In November 2025 I submitted a Verilog design to Tiny Tapeout’s SKY25B shuttle. It’s a quadrature encoder interface — a x4 decoder with 15-bit up/down count and last-step direction. The chip is being manufactured on ChipFoundry’s CC2511 MPW using the sky130A PDK and is estimated to arrive around June 2026. This is the writeup of the design. I’ll follow up when the chip is in hand and tested.

What a QEI does

Rotary encoders output two square waves, A and B, 90° out of phase. The phase relationship tells you direction; counting edges tells you position. A x4 decoder counts all four edges per cycle (both rising and falling edges of both A and B), giving four times the resolution of a simple rising-edge counter. This is the standard approach for motor control and position feedback.

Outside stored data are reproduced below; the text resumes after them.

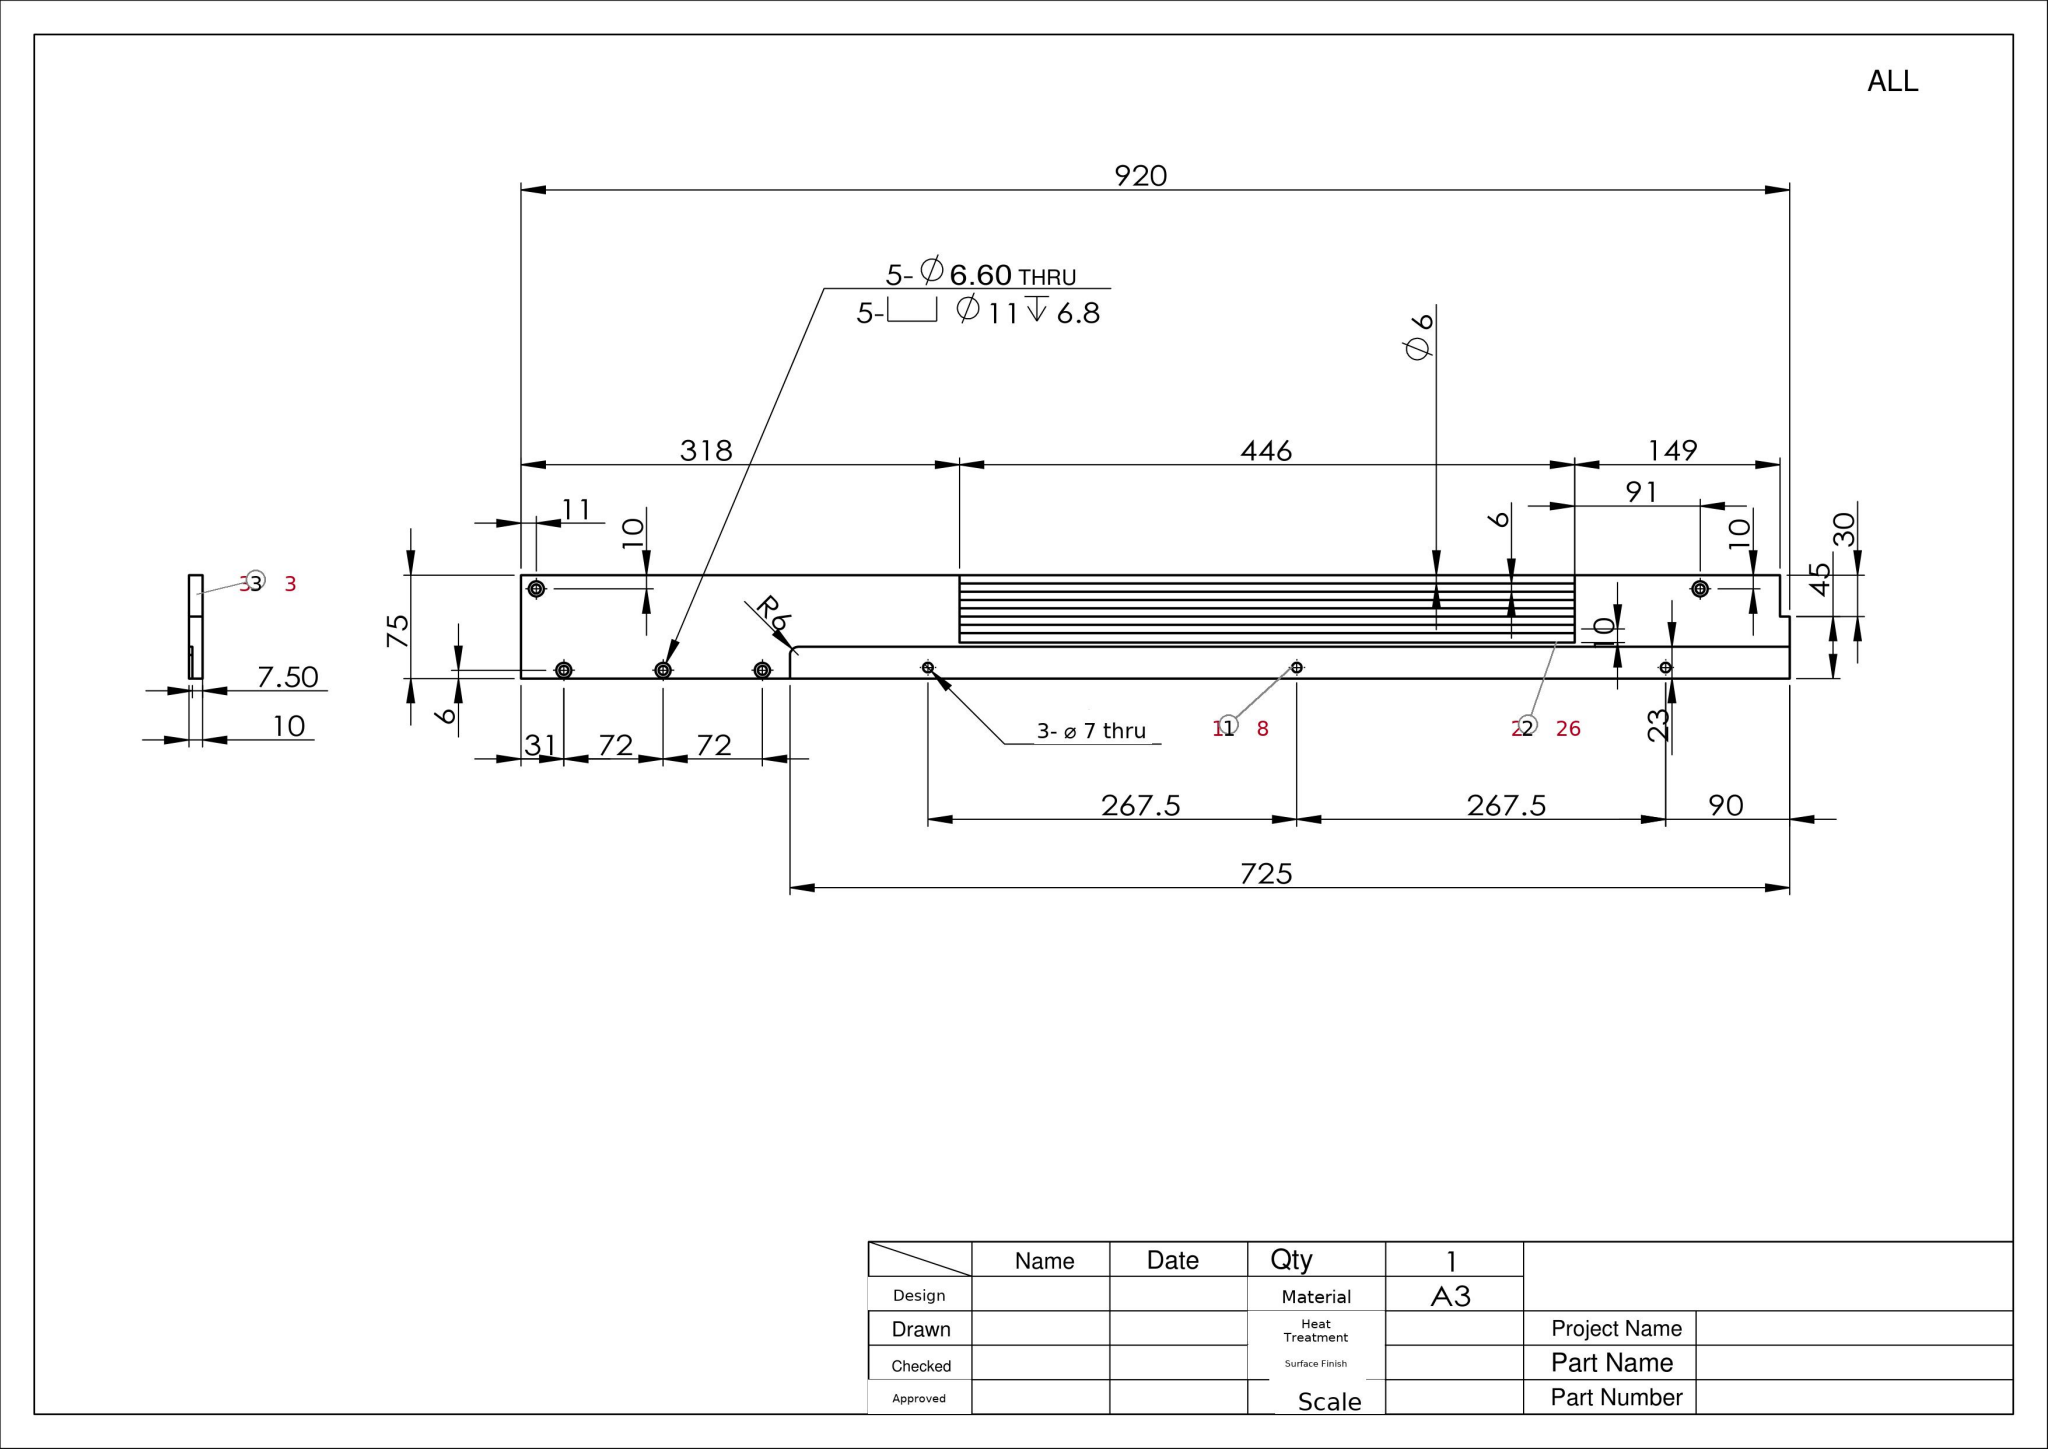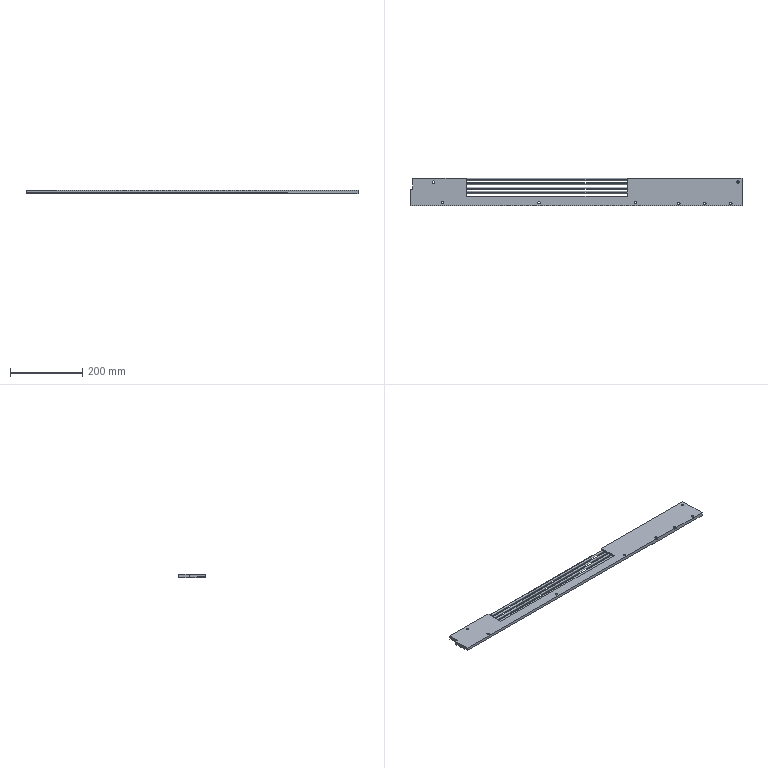Part | SolidWorks | mm | 1 solid | 57 faces | box 920 x 75 x 10 mm | volume 473489 mm3 | cylinder 35 | plane 22 | commonest cylinder face diameters 6.6 x10 11 x10 6 x8 7 x6 12 x1
build123d program:
from build123d import *

# Parameters (mm, degrees)
SKETCH1_W                                            = 1020
SKETCH1_H                                            = 75
EXTRUDE1_DEPTH                                       = 10
SKETCH2_W                                            = 377.249
SKETCH2_H                                            = 184.95
CUT_EXTRUDE1_DEPTH                                   = 1023.803
SKETCH3_W                                            = 446
SKETCH3_H                                            = 197.561
CUT_EXTRUDE2_DEPTH                                   = 1023.803
SKETCH4_R                                            = 3
EXTRUDE2_DEPTH                                       = 446
SKETCH5_W                                            = 1001.916
SKETCH5_H                                            = 184.536
CUT_EXTRUDE3_DEPTH                                   = 2.5
FILLET1_R                                            = 6
SKETCH6_R                                            = 3.5
CUT_EXTRUDE4_DEPTH                                   = 1023.781
HOLE_SIZE_ACCORDING_TO_HEXAGON_SOCKET_HE_D           = 6.6
HOLE_SIZE_ACCORDING_TO_HEXAGON_SOCKET_HE_CBORE_D     = 11
HOLE_SIZE_ACCORDING_TO_HEXAGON_SOCKET_HE_CBORE_DEPTH = 6.8
SKETCH9_W                                            = 201.394
SKETCH9_H                                            = 241.293
CUT_EXTRUDE5_DEPTH                                   = 1023.803
SKETCH10_W                                           = 10
SKETCH10_H                                           = 30
EXTRUDE3_DEPTH                                       = 3


with BuildPart() as part:
    # Sketch1 → Extrude1 (new body)
    with BuildSketch(Plane.XY):
        with Locations((510, 37.5)):
            Rectangle(SKETCH1_W, SKETCH1_H)
    extrude(amount=EXTRUDE1_DEPTH)

    # Sketch2 → Cut-Extrude1 (cut, through all)
    with BuildSketch(Plane.XY.offset(10)):
        with Locations((-78.625, 137.475)):
            Rectangle(SKETCH2_W, SKETCH2_H)
    extrude(amount=-CUT_EXTRUDE1_DEPTH, mode=Mode.SUBTRACT)

    # Sketch3 → Cut-Extrude2 (cut, through all)
    with BuildSketch(Plane(origin=(0, 0, 0), x_dir=(-1, 0, 0), z_dir=(0, 0, -1))):
        with Locations((-479, 124.781)):
            Rectangle(SKETCH3_W, SKETCH3_H)
    extrude(amount=-CUT_EXTRUDE2_DEPTH, mode=Mode.SUBTRACT)

    # Sketch4 → Extrude2 (add)
    with BuildSketch(Plane(origin=(256, 0, 0), x_dir=(0, 0, -1), z_dir=(1, 0, 0))):
        with Locations(Location((-3, 72, 0), (0, 0, 90))):
            Circle(SKETCH4_R)
        with Locations((-3, 60)):
            Circle(SKETCH4_R)
        with Locations((-3, 36)):
            Circle(SKETCH4_R)
        with Locations((-3, 48)):
            Circle(SKETCH4_R)
    extrude(amount=EXTRUDE2_DEPTH)

    # Sketch5 → Cut-Extrude3 (cut)
    with BuildSketch(Plane(origin=(0, 0, 0), x_dir=(-1, 0, 0), z_dir=(0, 0, -1))):
        with Locations((-324.042, -69.268)):
            Rectangle(SKETCH5_W, SKETCH5_H)
    extrude(amount=-CUT_EXTRUDE3_DEPTH, mode=Mode.SUBTRACT)

    # Fillet1
    fillet1_edges = [part.edges().sort_by_distance(p)[0] for p in [
        (825, 23, 1.25),
    ]]
    fillet(fillet1_edges, radius=FILLET1_R)

    # Sketch6 → Cut-Extrude4 (cut, through all)
    with BuildSketch(Plane(origin=(0, 0, 2.5), x_dir=(-1, 0, 0), z_dir=(0, 0, -1))):
        with Locations((-725, 8)):
            Circle(SKETCH6_R)
        with Locations((-457.5, 8)):
            Circle(SKETCH6_R)
        with Locations((-190, 8)):
            Circle(SKETCH6_R)
    extrude(amount=-CUT_EXTRUDE4_DEPTH, mode=Mode.SUBTRACT)

    # Hole Size according to Hexagon Socket He (through all)
    with Locations(Plane(origin=(1009, 65, 0), x_dir=(-1, 0, 0), z_dir=(0, 0, -1))):
        with Locations((0, 0), (92, -59), (20, -59), (164, -59), (844, 0)):
            CounterBoreHole(HOLE_SIZE_ACCORDING_TO_HEXAGON_SOCKET_HE_D / 2, HOLE_SIZE_ACCORDING_TO_HEXAGON_SOCKET_HE_CBORE_D / 2, HOLE_SIZE_ACCORDING_TO_HEXAGON_SOCKET_HE_CBORE_DEPTH)

    # Sketch9 → Cut-Extrude5 (cut, through all)
    with BuildSketch(Plane(origin=(0, 0, 0), x_dir=(-1, 0, 0), z_dir=(0, 0, -1))):
        with Locations((0.6972, 11.778)):
            Rectangle(SKETCH9_W, SKETCH9_H)
    extrude(amount=-CUT_EXTRUDE5_DEPTH, mode=Mode.SUBTRACT)

    # Sketch10 → Extrude3 (add)
    with BuildSketch(Plane.ZY.offset(-110)):
        with Locations((5, 60)):
            Rectangle(SKETCH10_W, SKETCH10_H)
    extrude(amount=EXTRUDE3_DEPTH)


solid = part.part

The usual implementation is a few lines of firmware running on a microcontroller. Putting it in silicon is overkill for most applications, but that’s the point of Tiny Tapeout — the cost to submit a small design is low enough that “because I wanted to” is a valid reason.

The Design

The module takes A and B on ui_in[0:1]. Both signals go through two-flip-flop synchronisers to prevent metastability from asynchronous encoder edges:

always @(posedge clk) begin
    a1 <= ui_in[0]; a2 <= a1;
    b1 <= ui_in[1]; b2 <= b1;
end
wire A = a2, B = b2;

Decoding works by comparing the current {A,B} state to the previous one. All four forward transitions (00→01→11→10→00) increment the counter; the four reverse transitions decrement it. Any other transition — including illegal states from noise — does nothing.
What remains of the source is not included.